Kaku K, Katou M, Igeta M, Ohira T, Sano H
Department of Medicine, Kawasaki Medical School, Okayama, Japan.
Takeda Development Center Japan, Takeda Pharmaceutical Company Limited, Osaka, Japan.
Diabetes Obes Metab. 2015 Dec;17(12):1198-201. doi: 10.1111/dom.12555. Epub 2015 Oct 23.

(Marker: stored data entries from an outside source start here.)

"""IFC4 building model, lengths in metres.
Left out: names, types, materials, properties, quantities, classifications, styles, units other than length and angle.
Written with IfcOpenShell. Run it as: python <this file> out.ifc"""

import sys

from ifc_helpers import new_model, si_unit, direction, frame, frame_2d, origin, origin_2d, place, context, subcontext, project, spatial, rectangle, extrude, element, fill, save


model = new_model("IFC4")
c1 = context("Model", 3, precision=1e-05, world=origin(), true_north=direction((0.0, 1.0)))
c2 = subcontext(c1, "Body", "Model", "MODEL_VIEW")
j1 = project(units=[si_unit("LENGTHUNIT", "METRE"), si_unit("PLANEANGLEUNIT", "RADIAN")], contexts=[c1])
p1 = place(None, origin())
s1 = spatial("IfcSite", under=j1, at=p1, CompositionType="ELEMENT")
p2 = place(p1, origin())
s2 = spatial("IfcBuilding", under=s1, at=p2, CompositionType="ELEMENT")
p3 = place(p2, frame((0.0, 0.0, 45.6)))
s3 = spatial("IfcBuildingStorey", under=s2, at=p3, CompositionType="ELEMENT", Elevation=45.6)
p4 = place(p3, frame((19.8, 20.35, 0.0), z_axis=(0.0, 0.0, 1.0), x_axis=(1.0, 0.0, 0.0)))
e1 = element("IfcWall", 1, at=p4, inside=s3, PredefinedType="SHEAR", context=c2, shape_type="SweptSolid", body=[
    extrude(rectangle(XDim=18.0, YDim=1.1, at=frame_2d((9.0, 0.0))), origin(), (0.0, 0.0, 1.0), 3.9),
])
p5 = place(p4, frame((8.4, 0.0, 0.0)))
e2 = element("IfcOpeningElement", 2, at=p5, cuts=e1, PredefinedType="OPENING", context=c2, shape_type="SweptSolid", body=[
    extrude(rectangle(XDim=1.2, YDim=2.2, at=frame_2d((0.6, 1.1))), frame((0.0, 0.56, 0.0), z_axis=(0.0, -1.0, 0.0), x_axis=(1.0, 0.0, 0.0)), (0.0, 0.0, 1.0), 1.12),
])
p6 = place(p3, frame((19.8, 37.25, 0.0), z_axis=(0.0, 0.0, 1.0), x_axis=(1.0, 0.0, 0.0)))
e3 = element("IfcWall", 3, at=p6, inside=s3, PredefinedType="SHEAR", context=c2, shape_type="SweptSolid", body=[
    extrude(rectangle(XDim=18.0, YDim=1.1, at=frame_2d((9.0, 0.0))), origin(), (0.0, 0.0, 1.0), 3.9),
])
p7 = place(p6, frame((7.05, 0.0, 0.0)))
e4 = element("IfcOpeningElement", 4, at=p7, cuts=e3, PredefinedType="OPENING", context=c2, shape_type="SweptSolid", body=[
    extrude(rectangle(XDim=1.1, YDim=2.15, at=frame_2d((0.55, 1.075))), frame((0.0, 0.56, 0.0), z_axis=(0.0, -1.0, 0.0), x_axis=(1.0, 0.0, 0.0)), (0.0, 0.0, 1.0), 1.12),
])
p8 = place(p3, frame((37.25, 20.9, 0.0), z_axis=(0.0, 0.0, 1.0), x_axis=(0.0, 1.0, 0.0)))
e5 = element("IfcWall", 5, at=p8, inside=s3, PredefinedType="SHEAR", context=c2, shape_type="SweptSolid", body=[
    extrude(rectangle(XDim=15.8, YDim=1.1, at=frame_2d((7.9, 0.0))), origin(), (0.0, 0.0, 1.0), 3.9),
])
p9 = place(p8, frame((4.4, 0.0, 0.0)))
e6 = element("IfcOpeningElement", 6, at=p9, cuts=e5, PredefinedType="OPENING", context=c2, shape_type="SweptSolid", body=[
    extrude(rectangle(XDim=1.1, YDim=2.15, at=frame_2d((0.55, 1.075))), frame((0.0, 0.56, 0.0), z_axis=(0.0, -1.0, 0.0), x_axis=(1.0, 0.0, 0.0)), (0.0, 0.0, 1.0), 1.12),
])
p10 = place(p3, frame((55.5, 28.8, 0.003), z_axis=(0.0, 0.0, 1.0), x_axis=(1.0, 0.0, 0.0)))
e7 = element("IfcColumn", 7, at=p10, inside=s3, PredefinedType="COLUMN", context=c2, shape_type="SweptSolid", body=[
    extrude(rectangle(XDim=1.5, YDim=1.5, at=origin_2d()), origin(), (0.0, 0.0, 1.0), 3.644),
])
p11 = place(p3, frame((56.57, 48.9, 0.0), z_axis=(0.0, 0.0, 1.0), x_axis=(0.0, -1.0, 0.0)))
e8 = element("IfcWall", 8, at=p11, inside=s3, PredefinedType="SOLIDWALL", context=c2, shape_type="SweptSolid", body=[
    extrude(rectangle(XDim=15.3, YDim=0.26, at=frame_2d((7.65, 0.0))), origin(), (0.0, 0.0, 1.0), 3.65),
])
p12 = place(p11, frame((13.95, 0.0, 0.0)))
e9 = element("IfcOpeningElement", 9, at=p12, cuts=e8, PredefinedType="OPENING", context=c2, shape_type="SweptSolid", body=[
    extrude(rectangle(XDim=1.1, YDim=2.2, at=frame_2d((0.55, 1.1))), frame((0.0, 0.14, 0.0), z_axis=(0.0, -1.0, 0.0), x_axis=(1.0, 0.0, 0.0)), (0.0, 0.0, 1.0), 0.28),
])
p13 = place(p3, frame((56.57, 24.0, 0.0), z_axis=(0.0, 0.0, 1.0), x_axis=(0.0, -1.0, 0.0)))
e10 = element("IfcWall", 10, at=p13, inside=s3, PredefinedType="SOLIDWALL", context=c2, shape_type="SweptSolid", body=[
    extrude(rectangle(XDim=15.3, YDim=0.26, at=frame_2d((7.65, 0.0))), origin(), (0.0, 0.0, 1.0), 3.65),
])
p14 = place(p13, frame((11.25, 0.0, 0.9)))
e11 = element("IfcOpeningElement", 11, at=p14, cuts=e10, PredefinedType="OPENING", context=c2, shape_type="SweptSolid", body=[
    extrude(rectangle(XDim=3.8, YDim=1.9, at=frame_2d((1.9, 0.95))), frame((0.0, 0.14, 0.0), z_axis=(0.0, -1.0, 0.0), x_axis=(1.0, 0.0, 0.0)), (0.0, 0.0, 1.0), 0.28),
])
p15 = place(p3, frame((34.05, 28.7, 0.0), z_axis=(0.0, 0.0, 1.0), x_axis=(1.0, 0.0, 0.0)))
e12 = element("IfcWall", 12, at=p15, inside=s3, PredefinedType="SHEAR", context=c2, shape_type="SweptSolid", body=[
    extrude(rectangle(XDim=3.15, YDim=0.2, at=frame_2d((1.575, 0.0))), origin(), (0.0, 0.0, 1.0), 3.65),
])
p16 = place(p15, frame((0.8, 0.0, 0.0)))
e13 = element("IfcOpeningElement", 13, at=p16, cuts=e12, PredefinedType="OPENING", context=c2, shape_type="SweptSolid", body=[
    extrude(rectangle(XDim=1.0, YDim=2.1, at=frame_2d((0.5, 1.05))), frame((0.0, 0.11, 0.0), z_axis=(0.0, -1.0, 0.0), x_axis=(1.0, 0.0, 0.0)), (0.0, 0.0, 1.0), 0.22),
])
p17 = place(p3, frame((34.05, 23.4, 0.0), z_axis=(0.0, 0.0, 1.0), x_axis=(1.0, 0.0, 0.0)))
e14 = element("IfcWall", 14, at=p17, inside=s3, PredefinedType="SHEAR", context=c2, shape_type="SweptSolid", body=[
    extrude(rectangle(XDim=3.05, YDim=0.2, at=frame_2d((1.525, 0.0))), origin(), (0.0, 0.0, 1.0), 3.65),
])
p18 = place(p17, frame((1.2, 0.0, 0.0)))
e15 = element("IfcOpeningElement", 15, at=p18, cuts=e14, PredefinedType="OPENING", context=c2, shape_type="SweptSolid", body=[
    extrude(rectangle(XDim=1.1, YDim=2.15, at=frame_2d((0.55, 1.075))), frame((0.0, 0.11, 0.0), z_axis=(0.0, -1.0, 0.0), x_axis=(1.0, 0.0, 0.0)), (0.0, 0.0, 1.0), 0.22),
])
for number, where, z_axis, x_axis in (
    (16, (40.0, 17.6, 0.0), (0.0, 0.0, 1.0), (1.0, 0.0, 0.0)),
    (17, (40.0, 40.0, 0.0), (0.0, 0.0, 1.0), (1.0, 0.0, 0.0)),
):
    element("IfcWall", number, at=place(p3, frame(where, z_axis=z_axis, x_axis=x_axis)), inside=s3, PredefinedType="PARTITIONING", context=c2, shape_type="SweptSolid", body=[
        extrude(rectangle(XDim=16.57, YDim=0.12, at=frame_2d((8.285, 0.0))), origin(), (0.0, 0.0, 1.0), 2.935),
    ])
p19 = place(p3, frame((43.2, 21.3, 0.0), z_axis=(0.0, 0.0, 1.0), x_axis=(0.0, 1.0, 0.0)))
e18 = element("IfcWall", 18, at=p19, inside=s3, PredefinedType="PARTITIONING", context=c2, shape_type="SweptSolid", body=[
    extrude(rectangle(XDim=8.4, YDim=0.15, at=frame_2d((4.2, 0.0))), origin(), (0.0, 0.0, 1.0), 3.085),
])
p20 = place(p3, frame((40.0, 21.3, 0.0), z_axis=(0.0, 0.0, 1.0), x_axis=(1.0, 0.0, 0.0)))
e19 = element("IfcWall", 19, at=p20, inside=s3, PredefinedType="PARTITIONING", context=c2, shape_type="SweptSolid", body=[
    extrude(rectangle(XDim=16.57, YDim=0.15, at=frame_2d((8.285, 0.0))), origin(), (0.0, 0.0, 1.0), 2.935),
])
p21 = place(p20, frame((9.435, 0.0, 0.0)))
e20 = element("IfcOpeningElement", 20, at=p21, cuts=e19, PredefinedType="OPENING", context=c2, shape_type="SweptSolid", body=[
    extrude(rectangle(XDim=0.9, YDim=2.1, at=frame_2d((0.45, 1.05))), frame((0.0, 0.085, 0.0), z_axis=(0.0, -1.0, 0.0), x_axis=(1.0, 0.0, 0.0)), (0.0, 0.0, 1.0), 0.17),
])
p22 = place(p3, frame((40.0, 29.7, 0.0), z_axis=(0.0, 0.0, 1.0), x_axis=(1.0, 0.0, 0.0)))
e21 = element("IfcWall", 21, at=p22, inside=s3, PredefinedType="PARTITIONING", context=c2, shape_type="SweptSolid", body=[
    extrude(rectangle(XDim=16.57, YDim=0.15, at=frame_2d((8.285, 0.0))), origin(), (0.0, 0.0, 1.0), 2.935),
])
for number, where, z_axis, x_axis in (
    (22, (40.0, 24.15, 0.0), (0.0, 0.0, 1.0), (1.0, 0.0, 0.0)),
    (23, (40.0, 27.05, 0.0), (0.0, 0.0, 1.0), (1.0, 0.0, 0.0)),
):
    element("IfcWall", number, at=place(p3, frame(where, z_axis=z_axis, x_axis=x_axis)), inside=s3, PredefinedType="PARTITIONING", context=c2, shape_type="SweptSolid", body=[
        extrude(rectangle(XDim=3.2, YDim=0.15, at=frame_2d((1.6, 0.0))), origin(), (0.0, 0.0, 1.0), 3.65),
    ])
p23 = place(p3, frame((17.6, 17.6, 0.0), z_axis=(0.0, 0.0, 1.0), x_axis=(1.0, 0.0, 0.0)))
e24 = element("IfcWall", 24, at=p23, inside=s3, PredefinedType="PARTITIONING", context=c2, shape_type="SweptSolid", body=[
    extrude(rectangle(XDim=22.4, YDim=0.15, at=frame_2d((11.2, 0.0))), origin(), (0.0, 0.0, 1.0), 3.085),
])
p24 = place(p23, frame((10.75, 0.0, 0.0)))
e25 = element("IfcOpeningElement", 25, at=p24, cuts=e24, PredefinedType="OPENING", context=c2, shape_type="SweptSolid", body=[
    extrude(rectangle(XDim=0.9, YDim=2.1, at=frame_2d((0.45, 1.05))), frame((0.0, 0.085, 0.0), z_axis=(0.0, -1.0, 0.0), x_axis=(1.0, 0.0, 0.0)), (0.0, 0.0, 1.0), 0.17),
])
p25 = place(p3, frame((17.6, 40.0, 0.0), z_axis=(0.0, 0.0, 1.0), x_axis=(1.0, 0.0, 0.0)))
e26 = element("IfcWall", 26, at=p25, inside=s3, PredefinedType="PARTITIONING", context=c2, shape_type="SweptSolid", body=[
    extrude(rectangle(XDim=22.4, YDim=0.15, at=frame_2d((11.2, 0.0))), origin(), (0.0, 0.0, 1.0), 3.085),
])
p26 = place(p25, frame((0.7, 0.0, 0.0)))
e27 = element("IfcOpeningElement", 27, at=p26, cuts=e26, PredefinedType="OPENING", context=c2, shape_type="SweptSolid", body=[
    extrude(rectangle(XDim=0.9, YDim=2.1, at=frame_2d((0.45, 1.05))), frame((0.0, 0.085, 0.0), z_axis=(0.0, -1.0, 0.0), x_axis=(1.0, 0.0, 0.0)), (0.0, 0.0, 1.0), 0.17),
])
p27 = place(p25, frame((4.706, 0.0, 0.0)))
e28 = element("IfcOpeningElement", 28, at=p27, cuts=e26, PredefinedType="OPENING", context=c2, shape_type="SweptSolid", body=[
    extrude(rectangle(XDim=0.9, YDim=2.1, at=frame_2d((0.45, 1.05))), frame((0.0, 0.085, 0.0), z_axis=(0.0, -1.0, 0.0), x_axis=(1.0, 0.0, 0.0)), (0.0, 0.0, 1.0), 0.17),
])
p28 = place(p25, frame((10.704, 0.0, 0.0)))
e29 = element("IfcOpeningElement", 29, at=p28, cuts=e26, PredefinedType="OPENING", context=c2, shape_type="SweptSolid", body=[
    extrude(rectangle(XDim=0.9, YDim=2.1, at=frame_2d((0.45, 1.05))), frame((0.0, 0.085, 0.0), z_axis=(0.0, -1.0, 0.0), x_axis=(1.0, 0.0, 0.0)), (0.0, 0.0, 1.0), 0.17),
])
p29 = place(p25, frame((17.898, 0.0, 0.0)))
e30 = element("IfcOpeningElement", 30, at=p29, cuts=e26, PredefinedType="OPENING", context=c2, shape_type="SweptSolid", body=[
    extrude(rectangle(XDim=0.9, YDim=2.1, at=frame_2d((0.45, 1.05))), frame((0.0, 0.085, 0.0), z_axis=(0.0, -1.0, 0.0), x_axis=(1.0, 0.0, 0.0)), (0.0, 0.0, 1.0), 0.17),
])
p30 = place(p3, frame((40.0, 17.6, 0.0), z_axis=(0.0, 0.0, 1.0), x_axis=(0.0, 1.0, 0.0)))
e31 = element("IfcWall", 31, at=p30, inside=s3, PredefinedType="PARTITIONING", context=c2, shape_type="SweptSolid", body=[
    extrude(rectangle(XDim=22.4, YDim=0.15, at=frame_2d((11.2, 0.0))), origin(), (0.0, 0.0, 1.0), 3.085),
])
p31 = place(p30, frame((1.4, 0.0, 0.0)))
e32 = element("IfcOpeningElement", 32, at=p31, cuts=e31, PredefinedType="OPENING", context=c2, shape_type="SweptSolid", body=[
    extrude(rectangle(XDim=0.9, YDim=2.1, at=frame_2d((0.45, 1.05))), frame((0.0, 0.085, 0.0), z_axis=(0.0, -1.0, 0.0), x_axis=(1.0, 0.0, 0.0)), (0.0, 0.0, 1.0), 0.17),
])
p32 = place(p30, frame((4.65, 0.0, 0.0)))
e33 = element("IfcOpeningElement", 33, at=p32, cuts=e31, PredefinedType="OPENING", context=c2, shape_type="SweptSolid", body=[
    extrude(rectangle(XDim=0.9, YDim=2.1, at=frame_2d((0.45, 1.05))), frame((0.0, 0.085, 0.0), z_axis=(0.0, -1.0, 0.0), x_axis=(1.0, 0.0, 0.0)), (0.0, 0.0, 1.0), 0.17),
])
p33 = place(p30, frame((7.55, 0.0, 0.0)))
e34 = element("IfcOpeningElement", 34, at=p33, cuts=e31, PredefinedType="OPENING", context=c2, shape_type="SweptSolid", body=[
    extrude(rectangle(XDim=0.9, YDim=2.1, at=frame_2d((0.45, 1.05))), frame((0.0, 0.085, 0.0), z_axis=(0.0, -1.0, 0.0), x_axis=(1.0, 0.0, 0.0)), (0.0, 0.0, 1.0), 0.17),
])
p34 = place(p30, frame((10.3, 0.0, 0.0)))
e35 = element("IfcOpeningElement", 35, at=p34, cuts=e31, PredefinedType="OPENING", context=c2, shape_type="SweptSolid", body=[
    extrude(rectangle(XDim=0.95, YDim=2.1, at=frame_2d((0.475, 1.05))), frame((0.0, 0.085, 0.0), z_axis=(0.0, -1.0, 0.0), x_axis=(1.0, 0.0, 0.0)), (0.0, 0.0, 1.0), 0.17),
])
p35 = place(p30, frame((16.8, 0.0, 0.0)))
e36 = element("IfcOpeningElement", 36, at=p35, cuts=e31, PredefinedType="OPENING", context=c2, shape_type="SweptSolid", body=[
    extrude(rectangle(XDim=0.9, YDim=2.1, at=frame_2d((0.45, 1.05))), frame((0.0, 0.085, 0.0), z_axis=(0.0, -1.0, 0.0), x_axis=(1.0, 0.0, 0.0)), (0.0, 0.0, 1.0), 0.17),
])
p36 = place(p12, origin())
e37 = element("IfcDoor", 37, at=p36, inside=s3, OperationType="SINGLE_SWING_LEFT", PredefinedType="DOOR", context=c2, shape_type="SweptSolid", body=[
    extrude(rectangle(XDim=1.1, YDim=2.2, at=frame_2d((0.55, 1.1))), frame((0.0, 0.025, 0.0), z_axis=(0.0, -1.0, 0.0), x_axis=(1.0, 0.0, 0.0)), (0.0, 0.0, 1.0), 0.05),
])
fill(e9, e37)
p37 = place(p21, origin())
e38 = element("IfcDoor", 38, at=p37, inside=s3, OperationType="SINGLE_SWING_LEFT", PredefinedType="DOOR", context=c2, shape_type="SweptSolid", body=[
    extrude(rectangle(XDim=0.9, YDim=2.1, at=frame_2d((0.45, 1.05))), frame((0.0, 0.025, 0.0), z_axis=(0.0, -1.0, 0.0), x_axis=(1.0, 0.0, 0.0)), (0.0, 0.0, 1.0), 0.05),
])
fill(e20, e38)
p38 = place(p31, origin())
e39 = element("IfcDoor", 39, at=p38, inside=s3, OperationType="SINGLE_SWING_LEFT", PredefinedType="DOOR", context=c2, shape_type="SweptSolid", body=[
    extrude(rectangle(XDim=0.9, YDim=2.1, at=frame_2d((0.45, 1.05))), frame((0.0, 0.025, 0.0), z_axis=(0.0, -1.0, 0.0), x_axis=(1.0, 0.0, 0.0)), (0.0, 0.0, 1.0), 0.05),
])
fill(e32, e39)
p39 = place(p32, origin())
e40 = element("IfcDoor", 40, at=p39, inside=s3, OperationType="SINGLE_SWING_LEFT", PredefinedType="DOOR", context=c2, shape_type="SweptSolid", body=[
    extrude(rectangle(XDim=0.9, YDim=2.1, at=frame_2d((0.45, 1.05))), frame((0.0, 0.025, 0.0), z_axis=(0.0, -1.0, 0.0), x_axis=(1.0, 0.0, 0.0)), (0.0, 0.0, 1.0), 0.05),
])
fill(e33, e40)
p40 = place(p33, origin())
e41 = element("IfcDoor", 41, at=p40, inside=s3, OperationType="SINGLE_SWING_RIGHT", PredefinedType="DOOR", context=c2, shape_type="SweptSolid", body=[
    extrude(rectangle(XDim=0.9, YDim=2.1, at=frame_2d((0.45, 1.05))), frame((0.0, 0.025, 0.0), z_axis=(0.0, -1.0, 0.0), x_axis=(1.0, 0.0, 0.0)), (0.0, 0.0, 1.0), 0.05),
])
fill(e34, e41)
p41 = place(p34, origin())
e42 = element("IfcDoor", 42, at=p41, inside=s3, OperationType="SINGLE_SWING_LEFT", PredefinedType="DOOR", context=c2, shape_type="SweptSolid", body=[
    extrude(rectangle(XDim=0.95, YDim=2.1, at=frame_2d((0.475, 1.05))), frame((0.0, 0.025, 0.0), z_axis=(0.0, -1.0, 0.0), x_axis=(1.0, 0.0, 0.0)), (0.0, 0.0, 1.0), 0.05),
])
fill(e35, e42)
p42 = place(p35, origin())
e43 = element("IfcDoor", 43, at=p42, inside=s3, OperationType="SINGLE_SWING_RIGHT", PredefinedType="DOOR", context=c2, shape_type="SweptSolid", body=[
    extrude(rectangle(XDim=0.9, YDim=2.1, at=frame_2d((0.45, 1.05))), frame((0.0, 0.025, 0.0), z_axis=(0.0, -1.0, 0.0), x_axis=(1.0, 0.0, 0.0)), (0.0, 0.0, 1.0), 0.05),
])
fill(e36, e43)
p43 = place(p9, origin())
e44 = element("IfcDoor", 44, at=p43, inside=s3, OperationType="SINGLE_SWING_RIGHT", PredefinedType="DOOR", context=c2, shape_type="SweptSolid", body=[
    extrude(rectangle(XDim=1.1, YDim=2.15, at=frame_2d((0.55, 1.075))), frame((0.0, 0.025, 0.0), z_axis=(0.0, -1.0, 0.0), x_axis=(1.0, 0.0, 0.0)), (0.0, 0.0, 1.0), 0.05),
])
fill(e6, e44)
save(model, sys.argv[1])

A phase IV, multicentre, randomized, double-blind, parallel-group, comparative study was conducted in Japanese subjects with type 2 diabetes mellitus (T2DM) who had inadequate glycaemic control, despite treatment with alogliptin in addition to diet and/or exercise therapy. Subjects with glycated haemoglobin (HbA1c) concentrations of 6.9-10.5% were randomized to receive 16 weeks' double-blind treatment with pioglitazone 15 mg, 30 mg once daily or placebo added to alogliptin 25 mg once daily. The primary endpoint was the change in HbA1c from baseline at the end of treatment period (week 16). Both pioglitazone 15 and 30 mg combination therapy resulted in a significantly greater reduction in HbA1c than alogliptin monotherapy [-0.80 and -0.90% vs 0.00% (the least squares mean using analysis of covariance model); p < 0.0001, respectively]. The overall incidence rates of treatment-emergent adverse events were similar among the treatment groups. Pioglitazone/alogliptin combination therapy was effective and generally well tolerated in Japanese subjects with T2DM and is considered to be useful in clinical settings.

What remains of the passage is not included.